Chinese authorities say they have conducted almost nine million tests in less than a week to stamp out a coronavirus outbreak in Qingdao, a city with a population roughly twice Melbourne’s population.

On Wednesday evening, the city’s government said they had performed over 8.8 million tests and processed more than 5 million of them.

Workers, retirees and schoolchildren have all been enlisted into an outbreak Qingdao party secretary Wang Qingxian said required a “state of war” spirit.

“We must guarantee absolute safety at every corner of the schoolyard,” said Tian Ke, vice-principal at the Second Experimental Middle School in Qingdao, in an interview with the state controlled China Daily.

The extraordinary mobilisation of national resources for an outbreak that official numbers tally at less than 20 cases is the latest demonstration of China’s outwardly confident approach to managing COVID-19.

A health worker takes a swab from a resident in Qingdao. Picture: AFP
A health worker takes a swab from a resident in Qingdao. Picture: AFP

Chinese officials have significantly refined their approach to stifling the coronavirus since their disastrous handling of the first detected cluster in Wuhan, which spread around the country and the world.

In June, an outbreak that grew out of Beijing’s largest produce market at the same time that coronavirus was spreading through Melbourne’s outer suburbs was entirely wiped out in four weeks, according to local officials. Cases were declared to total less than 400.

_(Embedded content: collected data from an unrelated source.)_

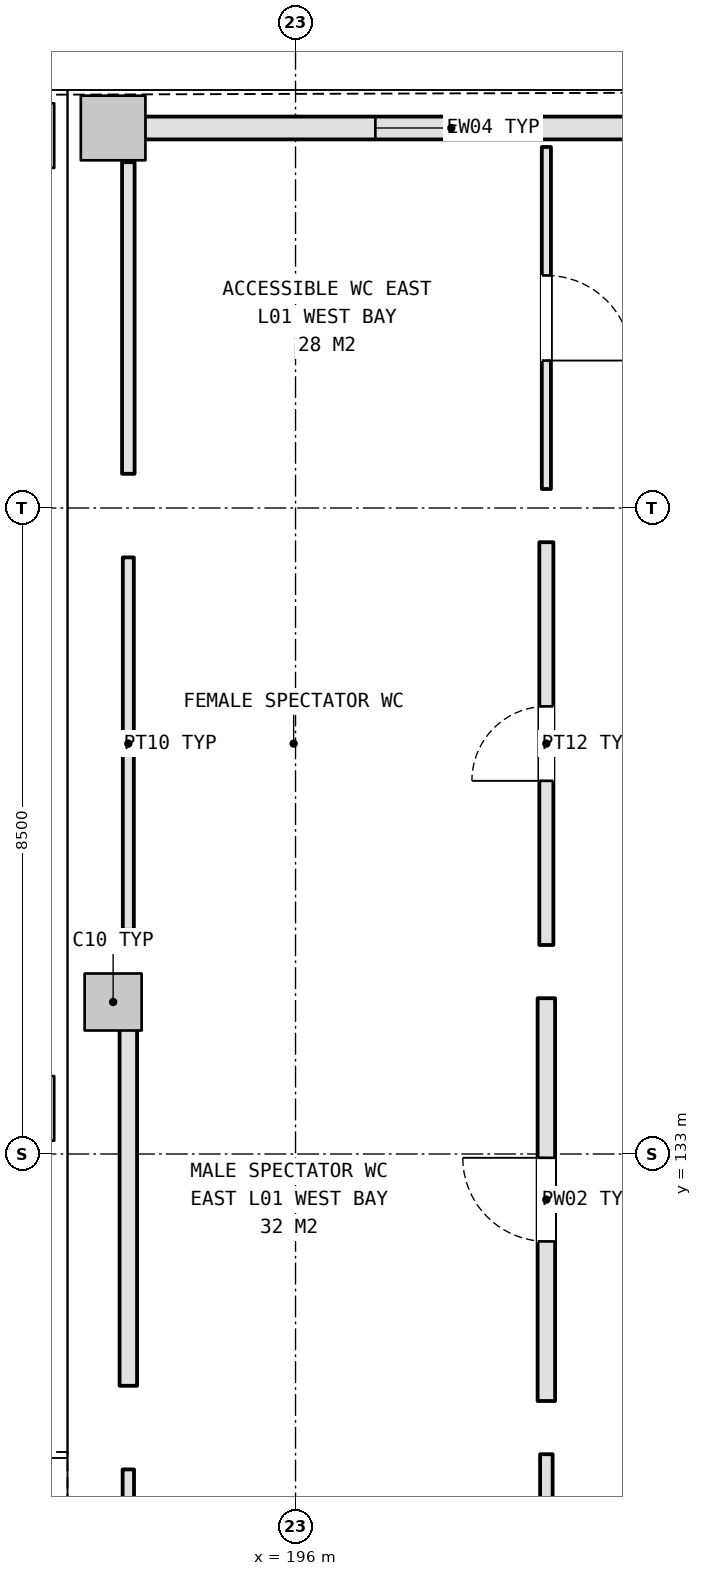
"""IFC4 building model, lengths in metres.
Left out: names, types, materials, properties, quantities, classifications, styles, units other than length and angle.
Written with IfcOpenShell. Run it as: python <this file> out.ifc"""

import sys

from ifc_helpers import new_model, si_unit, direction, frame, frame_2d, origin, origin_2d, place, context, subcontext, project, spatial, rectangle, extrude, element, fill, save


model = new_model("IFC4")
c1 = context("Model", 3, precision=1e-05, world=origin(), true_north=direction((0.0, 1.0)))
c2 = subcontext(c1, "Body", "Model", "MODEL_VIEW")
j1 = project(units=[si_unit("LENGTHUNIT", "METRE"), si_unit("PLANEANGLEUNIT", "RADIAN")], contexts=[c1])
p1 = place(None, origin())
s1 = spatial("IfcSite", under=j1, at=p1, CompositionType="ELEMENT")
p2 = place(p1, origin())
s2 = spatial("IfcBuilding", under=s1, at=p2, CompositionType="ELEMENT")
p3 = place(p2, frame((0.0, 0.0, 5.4)))
s3 = spatial("IfcBuildingStorey", under=s2, at=p3, CompositionType="ELEMENT", Elevation=5.4)
p4 = place(p3, frame((193.6, 135.0, 0.0), z_axis=(0.0, 0.0, 1.0), x_axis=(1.0, 0.0, 0.0)))
e1 = element("IfcColumn", 1, at=p4, inside=s3, PredefinedType="COLUMN", context=c2, shape_type="SweptSolid", body=[
    extrude(rectangle(XDim=0.75, YDim=0.75, at=origin_2d()), origin(), (0.0, 0.0, 1.0), 5.4),
])
for number, where, z_axis, x_axis in (
    (2, (193.6, 146.5, 0.0), (0.0, 0.0, 1.0), (1.0, 0.0, 0.0)),
    (3, (192.4, 133.6, 0.0), (0.0, 0.0, 1.0), (1.0, 0.0, 0.0)),
    (4, (192.4, 146.4, 0.0), (0.0, 0.0, 1.0), (1.0, 0.0, 0.0)),
):
    element("IfcColumn", number, at=place(p3, frame(where, z_axis=z_axis, x_axis=x_axis)), inside=s3, PredefinedType="COLUMN", context=c2, shape_type="SweptSolid", body=[
        extrude(rectangle(XDim=0.85, YDim=0.85, at=origin_2d()), origin(), (0.0, 0.0, 1.0), 5.4),
    ])
p5 = place(p3, frame((194.013, 146.5, 0.0), z_axis=(0.0, 0.0, 1.0), x_axis=(1.0, 0.0, 0.0)))
e5 = element("IfcWall", 5, at=p5, inside=s3, PredefinedType="SOLIDWALL", context=c2, shape_type="SweptSolid", body=[
    extrude(rectangle(XDim=8.074, YDim=0.3, at=frame_2d((4.037, 0.0))), origin(), (0.0, 0.0, 1.0), 4.525),
])
p6 = place(p5, frame((3.037, 0.0, 1.05)))
e6 = element("IfcOpeningElement", 6, at=p6, cuts=e5, PredefinedType="OPENING", context=c2, shape_type="SweptSolid", body=[
    extrude(rectangle(XDim=2.0, YDim=1.7, at=frame_2d((1.0, 0.85))), frame((0.0, 0.16, 0.0), z_axis=(0.0, -1.0, 0.0), x_axis=(1.0, 0.0, 0.0)), (0.0, 0.0, 1.0), 0.32),
])
p7 = place(p3, frame((199.3, 129.05, 0.0), z_axis=(0.0, 0.0, 1.0), x_axis=(0.0, -1.0, 0.0)))
e7 = element("IfcWall", 7, at=p7, inside=s3, PredefinedType="PARTITIONING", context=c2, shape_type="SweptSolid", body=[
    extrude(rectangle(XDim=9.3, YDim=0.165, at=frame_2d((4.65, 0.0))), origin(), (0.0, 0.0, 1.0), 4.625),
])
p8 = place(p7, frame((4.075, 0.0, 0.0)))
e8 = element("IfcOpeningElement", 8, at=p8, cuts=e7, PredefinedType="OPENING", context=c2, shape_type="SweptSolid", body=[
    extrude(rectangle(XDim=1.15, YDim=2.2, at=frame_2d((0.575, 1.1))), frame((0.0, 0.093, 0.0), z_axis=(0.0, -1.0, 0.0), x_axis=(1.0, 0.0, 0.0)), (0.0, 0.0, 1.0), 0.185),
])
p9 = place(p3, frame((193.8, 119.95, 0.0), z_axis=(0.0, 0.0, 1.0), x_axis=(0.0, 1.0, 0.0)))
e9 = element("IfcWall", 9, at=p9, inside=s3, PredefinedType="PARTITIONING", context=c2, shape_type="SweptSolid", body=[
    extrude(rectangle(XDim=8.9, YDim=0.15, at=frame_2d((4.45, 0.0))), origin(), (0.0, 0.0, 1.0), 4.475),
])
p10 = place(p3, frame((199.3, 135.05, 0.0), z_axis=(0.0, 0.0, 1.0), x_axis=(0.0, -1.0, 0.0)))
e10 = element("IfcWall", 10, at=p10, inside=s3, PredefinedType="PLUMBINGWALL", context=c2, shape_type="SweptSolid", body=[
    extrude(rectangle(XDim=5.3, YDim=0.23, at=frame_2d((2.65, 0.0))), origin(), (0.0, 0.0, 1.0), 4.715),
])
p11 = place(p10, frame((2.1, 0.0, 0.0)))
e11 = element("IfcOpeningElement", 11, at=p11, cuts=e10, PredefinedType="OPENING", context=c2, shape_type="SweptSolid", body=[
    extrude(rectangle(XDim=1.1, YDim=2.15, at=frame_2d((0.55, 1.075))), frame((0.0, 0.125, 0.0), z_axis=(0.0, -1.0, 0.0), x_axis=(1.0, 0.0, 0.0)), (0.0, 0.0, 1.0), 0.25),
])
p12 = place(p3, frame((193.8, 129.95, 0.0), z_axis=(0.0, 0.0, 1.0), x_axis=(0.0, 1.0, 0.0)))
e12 = element("IfcWall", 12, at=p12, inside=s3, PredefinedType="PLUMBINGWALL", context=c2, shape_type="SweptSolid", body=[
    extrude(rectangle(XDim=4.9, YDim=0.23, at=frame_2d((2.45, 0.0))), origin(), (0.0, 0.0, 1.0), 4.475),
])
p13 = place(p3, frame((199.3, 141.05, 0.0), z_axis=(0.0, 0.0, 1.0), x_axis=(0.0, -1.0, 0.0)))
e13 = element("IfcWall", 13, at=p13, inside=s3, PredefinedType="PARTITIONING", context=c2, shape_type="SweptSolid", body=[
    extrude(rectangle(XDim=5.3, YDim=0.185, at=frame_2d((2.65, 0.0))), origin(), (0.0, 0.0, 1.0), 4.625),
])
p14 = place(p13, frame((2.16, 0.0, 0.0)))
e14 = element("IfcOpeningElement", 14, at=p14, cuts=e13, PredefinedType="OPENING", context=c2, shape_type="SweptSolid", body=[
    extrude(rectangle(XDim=0.98, YDim=2.15, at=frame_2d((0.49, 1.075))), frame((0.0, 0.103, 0.0), z_axis=(0.0, -1.0, 0.0), x_axis=(1.0, 0.0, 0.0)), (0.0, 0.0, 1.0), 0.205),
])
p15 = place(p3, frame((193.8, 135.95, 0.0), z_axis=(0.0, 0.0, 1.0), x_axis=(0.0, 1.0, 0.0)))
e15 = element("IfcWall", 15, at=p15, inside=s3, PredefinedType="PARTITIONING", context=c2, shape_type="SweptSolid", body=[
    extrude(rectangle(XDim=4.9, YDim=0.145, at=frame_2d((2.45, 0.0))), origin(), (0.0, 0.0, 1.0), 4.475),
])
p16 = place(p3, frame((199.3, 146.25, 0.0), z_axis=(0.0, 0.0, 1.0), x_axis=(0.0, -1.0, 0.0)))
e16 = element("IfcWall", 16, at=p16, inside=s3, PredefinedType="PARTITIONING", context=c2, shape_type="SweptSolid", body=[
    extrude(rectangle(XDim=4.5, YDim=0.12, at=frame_2d((2.25, 0.0))), origin(), (0.0, 0.0, 1.0), 5.12),
])
p17 = place(p16, frame((1.69, 0.0, 0.0)))
e17 = element("IfcOpeningElement", 17, at=p17, cuts=e16, PredefinedType="OPENING", context=c2, shape_type="SweptSolid", body=[
    extrude(rectangle(XDim=1.12, YDim=2.2, at=frame_2d((0.56, 1.1))), frame((0.0, 0.07, 0.0), z_axis=(0.0, -1.0, 0.0), x_axis=(1.0, 0.0, 0.0)), (0.0, 0.0, 1.0), 0.14),
])
p18 = place(p3, frame((193.8, 141.95, 0.0), z_axis=(0.0, 0.0, 1.0), x_axis=(0.0, 1.0, 0.0)))
e18 = element("IfcWall", 18, at=p18, inside=s3, PredefinedType="PARTITIONING", context=c2, shape_type="SweptSolid", body=[
    extrude(rectangle(XDim=4.1, YDim=0.165, at=frame_2d((2.05, 0.0))), origin(), (0.0, 0.0, 1.0), 4.475),
])
p19 = place(p6, origin())
e19 = element("IfcWindow", 19, at=p19, inside=s3, PartitioningType="SINGLE_PANEL", PredefinedType="WINDOW", context=c2, shape_type="SweptSolid", body=[
    extrude(rectangle(XDim=2.0, YDim=1.7, at=frame_2d((1.0, 0.85))), frame((0.0, 0.03, 0.0), z_axis=(0.0, -1.0, 0.0), x_axis=(1.0, 0.0, 0.0)), (0.0, 0.0, 1.0), 0.06),
])
fill(e6, e19)
p20 = place(p11, frame((1.1, 0.0, 0.0), z_axis=(0.0, 0.0, 1.0), x_axis=(-1.0, 0.0, 0.0)))
e20 = element("IfcDoor", 20, at=p20, inside=s3, OperationType="SINGLE_SWING_LEFT", PredefinedType="DOOR", context=c2, shape_type="SweptSolid", body=[
    extrude(rectangle(XDim=1.1, YDim=2.15, at=frame_2d((0.55, 1.075))), frame((0.0, 0.025, 0.0), z_axis=(0.0, -1.0, 0.0), x_axis=(1.0, 0.0, 0.0)), (0.0, 0.0, 1.0), 0.05),
])
fill(e11, e20)
p21 = place(p14, frame((0.98, 0.0, 0.0), z_axis=(0.0, 0.0, 1.0), x_axis=(-1.0, 0.0, 0.0)))
e21 = element("IfcDoor", 21, at=p21, inside=s3, OperationType="SINGLE_SWING_RIGHT", PredefinedType="DOOR", context=c2, shape_type="SweptSolid", body=[
    extrude(rectangle(XDim=0.98, YDim=2.15, at=frame_2d((0.49, 1.075))), frame((0.0, 0.025, 0.0), z_axis=(0.0, -1.0, 0.0), x_axis=(1.0, 0.0, 0.0)), (0.0, 0.0, 1.0), 0.05),
])
fill(e14, e21)
p22 = place(p17, origin())
e22 = element("IfcDoor", 22, at=p22, inside=s3, OperationType="SINGLE_SWING_RIGHT", PredefinedType="DOOR", context=c2, shape_type="SweptSolid", body=[
    extrude(rectangle(XDim=1.12, YDim=2.2, at=frame_2d((0.56, 1.1))), frame((0.0, 0.025, 0.0), z_axis=(0.0, -1.0, 0.0), x_axis=(1.0, 0.0, 0.0)), (0.0, 0.0, 1.0), 0.05),
])
fill(e17, e22)
save(model, sys.argv[1])

Melbourne – whose population of 5 million is less than a quarter of Beijing’s and roughly half of Qingdao’s – is now in the fourth month of its second lockdown. More than 20,000 cases have been found in Victoria.

The tools to manage the outbreak in the capital were the same as those now being used in Qingdao: testing of more than 1 million people a day, the deployment of more than 10,000 medical officials and strict, targeted restrictions on travel using a health code embedded in the ubiquitous social media platform WeChat.

In August, Qingdao made international headlines as hundreds of thousands gathered – many without face masks – for its annual beer festival.

In an interview on China Central Television Wu Zunyou, the chief epidemiologist at the Chinese Center for Disease Control and Prevention, said a taxi driver was one of the first patients in the new cluster.

He told the state broadcaster the new cluster would not develop into a large-scale outbreak.

While China’s state media and officials laud the country’s coronavirus management, much international opinion remains sceptical.

A survey by Pew Research Centre released last week found a majority of people interviewed in wealthy countries including Japan, South Korea, Australia, Canada and Germany had a negative perception of China’s coronavirus handling.

“Across the 14 nations surveyed, a median of 61 per cent say China has done a bad job dealing with the outbreak,” Pew reported.

China’s foreign ministry spokesperson Hua Chunying said the country’s effective efforts fighting the coronavirus “cannot be denied”, citing the 700 million people who travelled around China in recent weeks for the National Day and mid-Autumn festival holiday.

“The fact that they are enjoying a safe and happy life is indisputable proof that China has successfully brought the epidemic under control,” she said.